Investors holding onto properties for longer

Ramesh Sharma

June 1, 2004

RICS’ quarterly lettings survey has reported a low proportion of landlords (4.1 per cent) are selling their property rather than re-letting it when tenancies come up for renewal with many seeing residential property as a long-term investment. With tenant demand at its highest since January 2004, in conjunction with rent levels increasing for the tenth consecutive quarter, investors are taking advantage of the market conditions to maximise earning potential.

Jeremy Leaf, RICS spokesperson, confirmed the market was geared towards investors looking to include properties as part of their pension plans. “The strength of the market is demonstrated by the fact there has been no significant investor exodus in the past year despite shrinking returns as house price rises stall.”

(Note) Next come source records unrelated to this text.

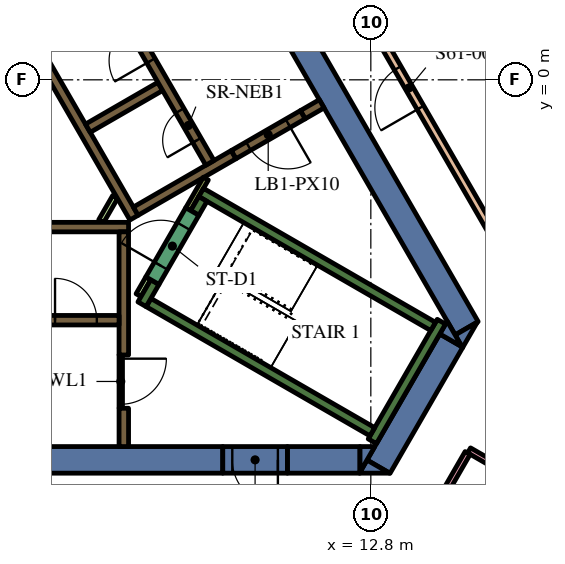
"""IFC4 building model, lengths in metres.
Left out: names, types, materials, properties, quantities, classifications, styles, units other than length and angle.
Written with IfcOpenShell. Run it as: python <this file> out.ifc"""

import sys

from ifc_helpers import new_model, si_unit, direction, frame, frame_2d, origin, place, context, subcontext, project, spatial, polyline, rectangle, outline, extrude, element, fill, save


model = new_model("IFC4")
c1 = context("Model", 3, precision=1e-05, world=origin(), true_north=direction((0.0, 1.0)))
c2 = subcontext(c1, "Body", "Model", "MODEL_VIEW")
j1 = project(units=[si_unit("LENGTHUNIT", "METRE"), si_unit("PLANEANGLEUNIT", "RADIAN")], contexts=[c1])
p1 = place(None, origin())
s1 = spatial("IfcSite", under=j1, at=p1, CompositionType="ELEMENT")
p2 = place(p1, origin())
s2 = spatial("IfcBuilding", under=s1, at=p2, CompositionType="ELEMENT")
p3 = place(p2, frame((0.0, 0.0, 261.6)))
s3 = spatial("IfcBuildingStorey", under=s2, at=p3, CompositionType="ELEMENT", Elevation=261.6)
p4 = place(p3, frame((9.085, 4.264, 0.0), z_axis=(0.0, 0.0, 1.0), x_axis=(0.499998082512, -0.866026510844, 0.0)))
e1 = element("IfcWall", 1, at=p4, inside=s3, PredefinedType="SOLIDWALL", context=c2, shape_type="SweptSolid", body=[
    extrude(rectangle(XDim=12.472, YDim=0.7, at=frame_2d((6.236, 0.0))), origin(), (0.0, 0.0, 1.0), 5.4),
])
p5 = place(p3, origin())
e2 = element("IfcWall", 2, at=p5, inside=s3, PredefinedType="SOLIDWALL", context=c2, shape_type="SweptSolid", body=[
    extrude(outline(polyline([(15.213, -7.05), (15.019, -6.714), (15.601, -6.378), (15.213, -7.05)])), origin(), (0.0, 0.0, 1.0), 5.4),
])
p6 = place(p3, frame((13.003, -10.179, 0.0), z_axis=(0.0, 0.0, 1.0), x_axis=(0.499972675833, 0.866041178825, 0.0)))
e3 = element("IfcWall", 3, at=p6, inside=s3, PredefinedType="SOLIDWALL", context=c2, shape_type="SweptSolid", body=[
    extrude(rectangle(XDim=3.829, YDim=0.7, at=frame_2d((1.915, 0.0))), origin(), (0.0, 0.0, 1.0), 5.4),
])
e4 = element("IfcWall", 4, at=p5, inside=s3, PredefinedType="SOLIDWALL", context=c2, shape_type="SweptSolid", body=[
    extrude(outline(polyline([(12.698, -10.005), (13.296, -10.35), (12.5, -10.35), (12.698, -10.005)])), origin(), (0.0, 0.0, 1.0), 5.4),
])
e5 = element("IfcWall", 5, at=p5, inside=s3, PredefinedType="SOLIDWALL", context=c2, shape_type="SweptSolid", body=[
    extrude(outline(polyline([(14.809, -6.35), (15.197, -7.022), (14.615, -6.686), (14.809, -6.35)])), origin(), (0.0, 0.0, 1.0), 5.4),
])
p7 = place(p3, frame((10.604, -10.0, 0.0), z_axis=(0.0, 0.0, 1.0), x_axis=(1.0, 0.0, 0.0)))
e6 = element("IfcWall", 6, at=p7, inside=s3, PredefinedType="SOLIDWALL", context=c2, shape_type="SweptSolid", body=[
    extrude(rectangle(XDim=1.909, YDim=0.7, at=frame_2d((0.955, 0.0))), origin(), (0.0, 0.0, 1.0), 5.4),
])
e7 = element("IfcWall", 7, at=p5, inside=s3, PredefinedType="SOLIDWALL", context=c2, shape_type="SweptSolid", body=[
    extrude(outline(polyline([(12.904, -9.65), (12.516, -10.322), (12.516, -9.65), (12.904, -9.65)])), origin(), (0.0, 0.0, 1.0), 5.4),
])
p8 = place(p3, frame((8.904, -10.0, 0.0), z_axis=(0.0, 0.0, 1.0), x_axis=(-1.0, 0.0, 0.0)))
e8 = element("IfcWall", 8, at=p8, inside=s3, PredefinedType="SOLIDWALL", context=c2, shape_type="SweptSolid", body=[
    extrude(rectangle(XDim=22.226, YDim=0.7, at=frame_2d((11.113, 0.0))), origin(), (0.0, 0.0, 1.0), 5.4),
])
p9 = place(p3, frame((12.84, -9.511, 0.0), z_axis=(0.0, 0.0, 1.0), x_axis=(0.500048121057, 0.865997619297, 0.0)))
e9 = element("IfcWall", 9, at=p9, inside=s3, PredefinedType="SOLIDWALL", context=c2, shape_type="SweptSolid", body=[
    extrude(rectangle(XDim=3.634, YDim=0.25, at=frame_2d((1.817, 0.0))), origin(), (0.0, 0.0, 1.0), 5.4),
])
p10 = place(p3, frame((12.84, -9.261, 0.0), z_axis=(0.0, 0.0, 1.0), x_axis=(-0.866013990052, 0.500019768644, 0.0)))
e10 = element("IfcWall", 10, at=p10, inside=s3, PredefinedType="SOLIDWALL", context=c2, shape_type="SweptSolid", body=[
    extrude(rectangle(XDim=6.8, YDim=0.25, at=frame_2d((3.4, 0.0))), origin(), (0.0, 0.0, 1.0), 5.4),
])
p11 = place(p3, frame((6.78, -5.906, 0.0), z_axis=(0.0, 0.0, 1.0), x_axis=(0.500223362819, 0.865896406789, 0.0)))
e11 = element("IfcWall", 11, at=p11, inside=s3, PredefinedType="SOLIDWALL", context=c2, shape_type="SweptSolid", body=[
    extrude(rectangle(XDim=0.675, YDim=0.25, at=frame_2d((0.337, 0.0))), origin(), (0.0, 0.0, 1.0), 5.4),
])
p12 = place(p3, frame((8.334, -2.964, 0.0), z_axis=(0.0, 0.0, 1.0), x_axis=(0.866016039709, -0.500016218704, 0.0)))
e12 = element("IfcWall", 12, at=p12, inside=s3, PredefinedType="SOLIDWALL", context=c2, shape_type="SweptSolid", body=[
    extrude(rectangle(XDim=7.05, YDim=0.25, at=frame_2d((3.525, 0.0))), origin(), (0.0, 0.0, 1.0), 5.4),
])
p13 = place(p3, frame((8.168, -3.503, 0.0), z_axis=(0.0, 0.0, 1.0), x_axis=(0.49972245349, 0.866185586049, 0.0)))
e13 = element("IfcWall", 13, at=p13, inside=s3, PredefinedType="SOLIDWALL", context=c2, shape_type="SweptSolid", body=[
    extrude(rectangle(XDim=0.425, YDim=0.25, at=frame_2d((0.212, 0.0))), origin(), (0.0, 0.0, 1.0), 5.4),
])
p14 = place(p3, frame((-5.545, -3.875, 0.0), z_axis=(0.0, 0.0, 1.0), x_axis=(1.0, 0.0, 0.0)))
e14 = element("IfcWall", 14, at=p14, inside=s3, PredefinedType="SOLIDWALL", context=c2, shape_type="SweptSolid", body=[
    extrude(rectangle(XDim=11.97, YDim=0.25, at=frame_2d((5.985, 0.0))), origin(), (0.0, 0.0, 1.0), 5.4),
])
p15 = place(p3, frame((6.3, -7.24, 0.0), z_axis=(0.0, 0.0, 1.0), x_axis=(0.0, 1.0, 0.0)))
e15 = element("IfcWall", 15, at=p15, inside=s3, PredefinedType="SOLIDWALL", context=c2, shape_type="SweptSolid", body=[
    extrude(rectangle(XDim=3.24, YDim=0.25, at=frame_2d((1.62, 0.0))), origin(), (0.0, 0.0, 1.0), 5.4),
])
p16 = place(p3, frame((6.3, -9.65, 0.0), z_axis=(0.0, 0.0, 1.0), x_axis=(0.0, 1.0, 0.0)))
e16 = element("IfcWall", 16, at=p16, inside=s3, PredefinedType="SOLIDWALL", context=c2, shape_type="SweptSolid", body=[
    extrude(rectangle(XDim=1.008, YDim=0.25, at=frame_2d((0.504, 0.0))), origin(), (0.0, 0.0, 1.0), 5.4),
])
p17 = place(p3, frame((11.507, -0.631, 0.0), z_axis=(0.0, 0.0, 1.0), x_axis=(-0.866093731455, -0.499881634324, 0.0)))
e17 = element("IfcWall", 17, at=p17, inside=s3, PredefinedType="SOLIDWALL", context=c2, shape_type="SweptSolid", body=[
    extrude(rectangle(XDim=0.575, YDim=0.25, at=frame_2d((0.288, 0.0))), origin(), (0.0, 0.0, 1.0), 5.4),
])
p18 = place(p3, frame((6.568, -3.627, 0.0), z_axis=(0.0, 0.0, 1.0), x_axis=(-0.499999455981, 0.866025717874, 0.0)))
e18 = element("IfcWall", 18, at=p18, inside=s3, PredefinedType="SOLIDWALL", context=c2, shape_type="SweptSolid", body=[
    extrude(rectangle(XDim=11.978, YDim=0.25, at=frame_2d((5.989, 0.0))), origin(), (0.0, 0.0, 1.0), 5.4),
])
p19 = place(p3, frame((5.354, -1.274, 0.0), z_axis=(0.0, 0.0, 1.0), x_axis=(0.866008176907, 0.50002983664, 0.0)))
e19 = element("IfcWall", 19, at=p19, inside=s3, PredefinedType="SOLIDWALL", context=c2, shape_type="SweptSolid", body=[
    extrude(rectangle(XDim=2.2, YDim=0.25, at=frame_2d((1.1, 0.0))), origin(), (0.0, 0.0, 1.0), 5.4),
])
p20 = place(p3, frame((6.614, -3.456, 0.0), z_axis=(0.0, 0.0, 1.0), x_axis=(0.866032512851, 0.499987686533, 0.0)))
e20 = element("IfcWall", 20, at=p20, inside=s3, PredefinedType="SOLIDWALL", context=c2, shape_type="SweptSolid", body=[
    extrude(rectangle(XDim=2.975, YDim=0.25, at=frame_2d((1.487, 0.0))), origin(), (0.0, 0.0, 1.0), 5.4),
])
p21 = place(p3, frame((6.945, -5.222, 0.0), z_axis=(0.0, 0.0, 1.0), x_axis=(-0.499818422106, -0.866130212453, 0.0)))
e21 = element("IfcWall", 21, at=p21, inside=s3, PredefinedType="PARTITIONING", context=c2, shape_type="SweptSolid", body=[
    extrude(rectangle(XDim=0.514, YDim=0.15, at=frame_2d((0.257, 0.0))), origin(), (0.0, 0.0, 1.0), 4.75),
])
p22 = place(p3, frame((8.459, -2.599, 0.0), z_axis=(0.0, 0.0, 1.0), x_axis=(-0.500041054325, -0.866001699761, 0.0)))
e22 = element("IfcWall", 22, at=p22, inside=s3, PredefinedType="PARTITIONING", context=c2, shape_type="SweptSolid", body=[
    extrude(rectangle(XDim=0.929, YDim=0.15, at=frame_2d((0.464, 0.0))), origin(), (0.0, 0.0, 1.0), 5.4),
])
p23 = place(p3, frame((5.705, -3.718, 0.0), z_axis=(0.0, 0.0, 1.0), x_axis=(0.499962090823, 0.866047289552, 0.0)))
e23 = element("IfcWall", 23, at=p23, inside=s3, PredefinedType="PARTITIONING", context=c2, shape_type="SweptSolid", body=[
    extrude(rectangle(XDim=0.735, YDim=0.15, at=frame_2d((0.367, 0.0))), origin(), (0.0, 0.0, 1.0), 4.75),
])
p24 = place(p3, frame((-6.175, -6.325, 0.0), z_axis=(0.0, 0.0, 1.0), x_axis=(1.0, 0.0, 0.0)))
e24 = element("IfcWall", 24, at=p24, inside=s3, PredefinedType="SOLIDWALL", context=c2, shape_type="SweptSolid", body=[
    extrude(rectangle(XDim=12.35, YDim=0.25, at=frame_2d((6.175, 0.0))), origin(), (0.0, 0.0, 1.0), 5.4),
])
p25 = place(p24, frame((3.205, 0.0, 0.0)))
e25 = element("IfcOpeningElement", 25, at=p25, cuts=e24, PredefinedType="OPENING", context=c2, shape_type="SweptSolid", body=[
    extrude(rectangle(XDim=0.9, YDim=2.1, at=frame_2d((0.45, 1.05))), frame((0.0, 0.135, 0.0), z_axis=(0.0, -1.0, 0.0), x_axis=(1.0, 0.0, 0.0)), (0.0, 0.0, 1.0), 0.27),
])
p26 = place(p24, frame((8.145, 0.0, 0.0)))
e26 = element("IfcOpeningElement", 26, at=p26, cuts=e24, PredefinedType="OPENING", context=c2, shape_type="SweptSolid", body=[
    extrude(rectangle(XDim=1.1, YDim=2.1, at=frame_2d((0.55, 1.05))), frame((0.0, 0.135, 0.0), z_axis=(0.0, -1.0, 0.0), x_axis=(1.0, 0.0, 0.0)), (0.0, 0.0, 1.0), 0.27),
])
p27 = place(p24, frame((10.665, 0.0, 0.0)))
e27 = element("IfcOpeningElement", 27, at=p27, cuts=e24, PredefinedType="OPENING", context=c2, shape_type="SweptSolid", body=[
    extrude(rectangle(XDim=1.1, YDim=2.1, at=frame_2d((0.55, 1.05))), frame((0.0, 0.135, 0.0), z_axis=(0.0, -1.0, 0.0), x_axis=(1.0, 0.0, 0.0)), (0.0, 0.0, 1.0), 0.27),
])
p28 = place(p3, frame((8.565, -2.185, 0.0), z_axis=(0.0, 0.0, 1.0), x_axis=(-0.499997954832, 0.866026584559, 0.0)))
e28 = element("IfcWall", 28, at=p28, inside=s3, PredefinedType="SOLIDWALL", context=c2, shape_type="SweptSolid", body=[
    extrude(rectangle(XDim=12.35, YDim=0.25, at=frame_2d((6.175, 0.0))), origin(), (0.0, 0.0, 1.0), 5.4),
])
p29 = place(p28, frame((0.685, 0.0, 0.0)))
e29 = element("IfcOpeningElement", 29, at=p29, cuts=e28, PredefinedType="OPENING", context=c2, shape_type="SweptSolid", body=[
    extrude(rectangle(XDim=0.9, YDim=2.1, at=frame_2d((0.45, 1.05))), frame((0.0, 0.135, 0.0), z_axis=(0.0, -1.0, 0.0), x_axis=(1.0, 0.0, 0.0)), (0.0, 0.0, 1.0), 0.27),
])
p30 = place(p28, frame((3.105, 0.0, 0.0)))
e30 = element("IfcOpeningElement", 30, at=p30, cuts=e28, PredefinedType="OPENING", context=c2, shape_type="SweptSolid", body=[
    extrude(rectangle(XDim=1.1, YDim=2.1, at=frame_2d((0.55, 1.05))), frame((0.0, 0.135, 0.0), z_axis=(0.0, -1.0, 0.0), x_axis=(1.0, 0.0, 0.0)), (0.0, 0.0, 1.0), 0.27),
])
p31 = place(p28, frame((5.625, 0.0, 0.0)))
e31 = element("IfcOpeningElement", 31, at=p31, cuts=e28, PredefinedType="OPENING", context=c2, shape_type="SweptSolid", body=[
    extrude(rectangle(XDim=1.1, YDim=2.1, at=frame_2d((0.55, 1.05))), frame((0.0, 0.135, 0.0), z_axis=(0.0, -1.0, 0.0), x_axis=(1.0, 0.0, 0.0)), (0.0, 0.0, 1.0), 0.27),
])
p32 = place(p28, frame((8.145, 0.0, 0.0)))
e32 = element("IfcOpeningElement", 32, at=p32, cuts=e28, PredefinedType="OPENING", context=c2, shape_type="SweptSolid", body=[
    extrude(rectangle(XDim=1.1, YDim=2.1, at=frame_2d((0.55, 1.05))), frame((0.0, 0.135, 0.0), z_axis=(0.0, -1.0, 0.0), x_axis=(1.0, 0.0, 0.0)), (0.0, 0.0, 1.0), 0.27),
])
p33 = place(p28, frame((10.665, 0.0, 0.0)))
e33 = element("IfcOpeningElement", 33, at=p33, cuts=e28, PredefinedType="OPENING", context=c2, shape_type="SweptSolid", body=[
    extrude(rectangle(XDim=1.1, YDim=2.1, at=frame_2d((0.55, 1.05))), frame((0.0, 0.135, 0.0), z_axis=(0.0, -1.0, 0.0), x_axis=(1.0, 0.0, 0.0)), (0.0, 0.0, 1.0), 0.27),
])
p34 = place(p3, frame((7.053, -5.284, 0.0), z_axis=(0.0, 0.0, 1.0), x_axis=(0.500078061341, 0.865980330357, 0.0)))
e34 = element("IfcWall", 34, at=p34, inside=s3, PredefinedType="SOLIDWALL", context=c2, shape_type="SweptSolid", body=[
    extrude(rectangle(XDim=2.1, YDim=0.4, at=frame_2d((1.05, 0.0))), origin(), (0.0, 0.0, 1.0), 5.4),
])
p35 = place(p34, frame((0.45, 0.0, 0.0)))
e35 = element("IfcOpeningElement", 35, at=p35, cuts=e34, PredefinedType="OPENING", context=c2, shape_type="SweptSolid", body=[
    extrude(rectangle(XDim=1.2, YDim=2.1, at=frame_2d((0.6, 1.05))), frame((0.0, 0.21, 0.0), z_axis=(0.0, -1.0, 0.0), x_axis=(1.0, 0.0, 0.0)), (0.0, 0.0, 1.0), 0.42),
])
p36 = place(p3, frame((6.22, -7.237, 0.0), z_axis=(0.0, 0.0, 1.0), x_axis=(0.0, -1.0, 0.0)))
e36 = element("IfcWall", 36, at=p36, inside=s3, PredefinedType="PARTITIONING", context=c2, shape_type="SweptSolid", body=[
    extrude(rectangle(XDim=1.4, YDim=0.09, at=frame_2d((0.7, 0.0))), origin(), (0.0, 0.0, 1.0), 4.75),
])
p37 = place(p36, frame((0.1, 0.0, 0.0)))
e37 = element("IfcOpeningElement", 37, at=p37, cuts=e36, PredefinedType="OPENING", context=c2, shape_type="SweptSolid", body=[
    extrude(rectangle(XDim=1.2, YDim=2.1, at=frame_2d((0.6, 1.05))), frame((0.0, 0.055, 0.0), z_axis=(0.0, -1.0, 0.0), x_axis=(1.0, 0.0, 0.0)), (0.0, 0.0, 1.0), 0.11),
])
p38 = place(p3, frame((11.009, -0.919, 0.0), z_axis=(0.0, 0.0, 1.0), x_axis=(-0.866059744384, -0.49994051562, 0.0)))
e38 = element("IfcWall", 38, at=p38, inside=s3, PredefinedType="SOLIDWALL", context=c2, shape_type="SweptSolid", body=[
    extrude(rectangle(XDim=2.1, YDim=0.25, at=frame_2d((1.05, 0.0))), origin(), (0.0, 0.0, 1.0), 5.4),
])
p39 = place(p38, frame((0.45, 0.0, 0.0)))
e39 = element("IfcOpeningElement", 39, at=p39, cuts=e38, PredefinedType="OPENING", context=c2, shape_type="SweptSolid", body=[
    extrude(rectangle(XDim=1.2, YDim=2.1, at=frame_2d((0.6, 1.05))), frame((0.0, 0.135, 0.0), z_axis=(0.0, -1.0, 0.0), x_axis=(1.0, 0.0, 0.0)), (0.0, 0.0, 1.0), 0.27),
])
p40 = place(p3, frame((10.604, -10.0, 0.0), z_axis=(0.0, 0.0, 1.0), x_axis=(-1.0, 0.0, 0.0)))
e40 = element("IfcWall", 40, at=p40, inside=s3, PredefinedType="SOLIDWALL", context=c2, shape_type="SweptSolid", body=[
    extrude(rectangle(XDim=1.7, YDim=0.7, at=frame_2d((0.85, 0.0))), origin(), (0.0, 0.0, 1.0), 5.4),
])
p41 = place(p40, frame((0.25, 0.0, 0.0)))
e41 = element("IfcOpeningElement", 41, at=p41, cuts=e40, PredefinedType="OPENING", context=c2, shape_type="SweptSolid", body=[
    extrude(rectangle(XDim=1.2, YDim=2.1, at=frame_2d((0.6, 1.05))), frame((0.0, 0.36, 0.0), z_axis=(0.0, -1.0, 0.0), x_axis=(1.0, 0.0, 0.0)), (0.0, 0.0, 1.0), 0.72),
])
p42 = place(p3, frame((17.349, -6.35, 0.0), z_axis=(0.0, 0.0, 1.0), x_axis=(-0.499997784101, 0.866026683131, 0.0)))
e42 = element("IfcWall", 42, at=p42, inside=s3, PredefinedType="PARTITIONING", context=c2, shape_type="SweptSolid", body=[
    extrude(rectangle(XDim=14.174, YDim=0.2, at=frame_2d((7.087, 0.0))), origin(), (0.0, 0.0, 1.0), 4.75),
])
p43 = place(p42, frame((6.487, 0.0, 0.0)))
e43 = element("IfcOpeningElement", 43, at=p43, cuts=e42, PredefinedType="OPENING", context=c2, shape_type="SweptSolid", body=[
    extrude(rectangle(XDim=1.2, YDim=2.1, at=frame_2d((0.6, 1.05))), frame((0.0, 0.11, 0.0), z_axis=(0.0, -1.0, 0.0), x_axis=(1.0, 0.0, 0.0)), (0.0, 0.0, 1.0), 0.22),
])
p44 = place(p3, frame((20.02, -12.425, 0.0), z_axis=(0.0, 0.0, 1.0), x_axis=(-0.866024483152, 0.500001594578, 0.0)))
e44 = element("IfcWall", 44, at=p44, inside=s3, PredefinedType="PARTITIONING", context=c2, shape_type="SweptSolid", body=[
    extrude(rectangle(XDim=5.35, YDim=0.15, at=frame_2d((2.675, 0.0))), origin(), (0.0, 0.0, 1.0), 4.75),
])
p45 = place(p3, frame((15.347, -9.819, 0.0), z_axis=(0.0, 0.0, 1.0), x_axis=(-0.50001657589, -0.866015833478, 0.0)))
e45 = element("IfcWall", 45, at=p45, inside=s3, PredefinedType="PARTITIONING", context=c2, shape_type="SweptSolid", body=[
    extrude(rectangle(XDim=2.275, YDim=0.15, at=frame_2d((1.138, 0.0))), origin(), (0.0, 0.0, 1.0), 4.75),
])
p46 = place(p27, origin())
e46 = element("IfcDoor", 46, at=p46, inside=s3, OperationType="DOUBLE_DOOR_SLIDING", PredefinedType="DOOR", context=c2, shape_type="SweptSolid", body=[
    extrude(rectangle(XDim=1.1, YDim=2.1, at=frame_2d((0.55, 1.05))), frame((0.0, 0.025, 0.0), z_axis=(0.0, -1.0, 0.0), x_axis=(1.0, 0.0, 0.0)), (0.0, 0.0, 1.0), 0.05),
])
fill(e27, e46)
p47 = place(p29, origin())
e47 = element("IfcDoor", 47, at=p47, inside=s3, OperationType="SINGLE_SWING_LEFT", PredefinedType="DOOR", context=c2, shape_type="SweptSolid", body=[
    extrude(rectangle(XDim=0.9, YDim=2.1, at=frame_2d((0.45, 1.05))), frame((0.0, 0.025, 0.0), z_axis=(0.0, -1.0, 0.0), x_axis=(1.0, 0.0, 0.0)), (0.0, 0.0, 1.0), 0.05),
])
fill(e29, e47)
p48 = place(p30, origin())
e48 = element("IfcDoor", 48, at=p48, inside=s3, OperationType="DOUBLE_DOOR_SLIDING", PredefinedType="DOOR", context=c2, shape_type="SweptSolid", body=[
    extrude(rectangle(XDim=1.1, YDim=2.1, at=frame_2d((0.55, 1.05))), frame((0.0, 0.025, 0.0), z_axis=(0.0, -1.0, 0.0), x_axis=(1.0, 0.0, 0.0)), (0.0, 0.0, 1.0), 0.05),
])
fill(e30, e48)
p49 = place(p35, origin())
e49 = element("IfcDoor", 49, at=p49, inside=s3, OperationType="SINGLE_SWING_LEFT", PredefinedType="DOOR", context=c2, shape_type="SweptSolid", body=[
    extrude(rectangle(XDim=1.2, YDim=2.1, at=frame_2d((0.6, 1.05))), frame((0.0, 0.025, 0.0), z_axis=(0.0, -1.0, 0.0), x_axis=(1.0, 0.0, 0.0)), (0.0, 0.0, 1.0), 0.05),
])
fill(e35, e49)
p50 = place(p37, origin())
e50 = element("IfcDoor", 50, at=p50, inside=s3, OperationType="SINGLE_SWING_LEFT", PredefinedType="DOOR", context=c2, shape_type="SweptSolid", body=[
    extrude(rectangle(XDim=1.2, YDim=2.1, at=frame_2d((0.6, 1.05))), frame((0.0, 0.025, 0.0), z_axis=(0.0, -1.0, 0.0), x_axis=(1.0, 0.0, 0.0)), (0.0, 0.0, 1.0), 0.05),
])
fill(e37, e50)
p51 = place(p39, origin())
e51 = element("IfcDoor", 51, at=p51, inside=s3, OperationType="SINGLE_SWING_LEFT", PredefinedType="DOOR", context=c2, shape_type="SweptSolid", body=[
    extrude(rectangle(XDim=1.2, YDim=2.1, at=frame_2d((0.6, 1.05))), frame((0.0, 0.025, 0.0), z_axis=(0.0, -1.0, 0.0), x_axis=(1.0, 0.0, 0.0)), (0.0, 0.0, 1.0), 0.05),
])
fill(e39, e51)
p52 = place(p41, origin())
e52 = element("IfcDoor", 52, at=p52, inside=s3, OperationType="SINGLE_SWING_LEFT", PredefinedType="DOOR", context=c2, shape_type="SweptSolid", body=[
    extrude(rectangle(XDim=1.2, YDim=2.1, at=frame_2d((0.6, 1.05))), frame((0.0, 0.025, 0.0), z_axis=(0.0, -1.0, 0.0), x_axis=(1.0, 0.0, 0.0)), (0.0, 0.0, 1.0), 0.05),
])
fill(e41, e52)
p53 = place(p43, origin())
e53 = element("IfcDoor", 53, at=p53, inside=s3, OperationType="SINGLE_SWING_RIGHT", PredefinedType="DOOR", context=c2, shape_type="SweptSolid", body=[
    extrude(rectangle(XDim=1.2, YDim=2.1, at=frame_2d((0.6, 1.05))), frame((0.0, 0.025, 0.0), z_axis=(0.0, -1.0, 0.0), x_axis=(1.0, 0.0, 0.0)), (0.0, 0.0, 1.0), 0.05),
])
fill(e43, e53)
save(model, sys.argv[1])

“Many buy-to-let investors are now choosing to stay in for the long haul, viewing their investment as a more significant part of their pension plan. For the time being at least this looks set to continue with public confidence in pensions at an all-time low,” he said.

Mike Pendergast, IFA at Zen Financial, agreed the buy-to-let sector had changed significantly over the past few years. He said: “A couple of years ago buy-to-let investors were in the market for a quick profit. At the moment property prices are not rising as fast as they have been so clients are taking a longer-term view. Also buy-to-let is seen as an alternative to pension funds which are considered riskier than property by some clients who were badly hit by poor fund performance in 2002 to 2003.”

Despite an increase in long-term investors the report also revealed new investors are still wary of entering the market with the cost of borrowing and the prospects of capital growth all hindering their entrance into the market.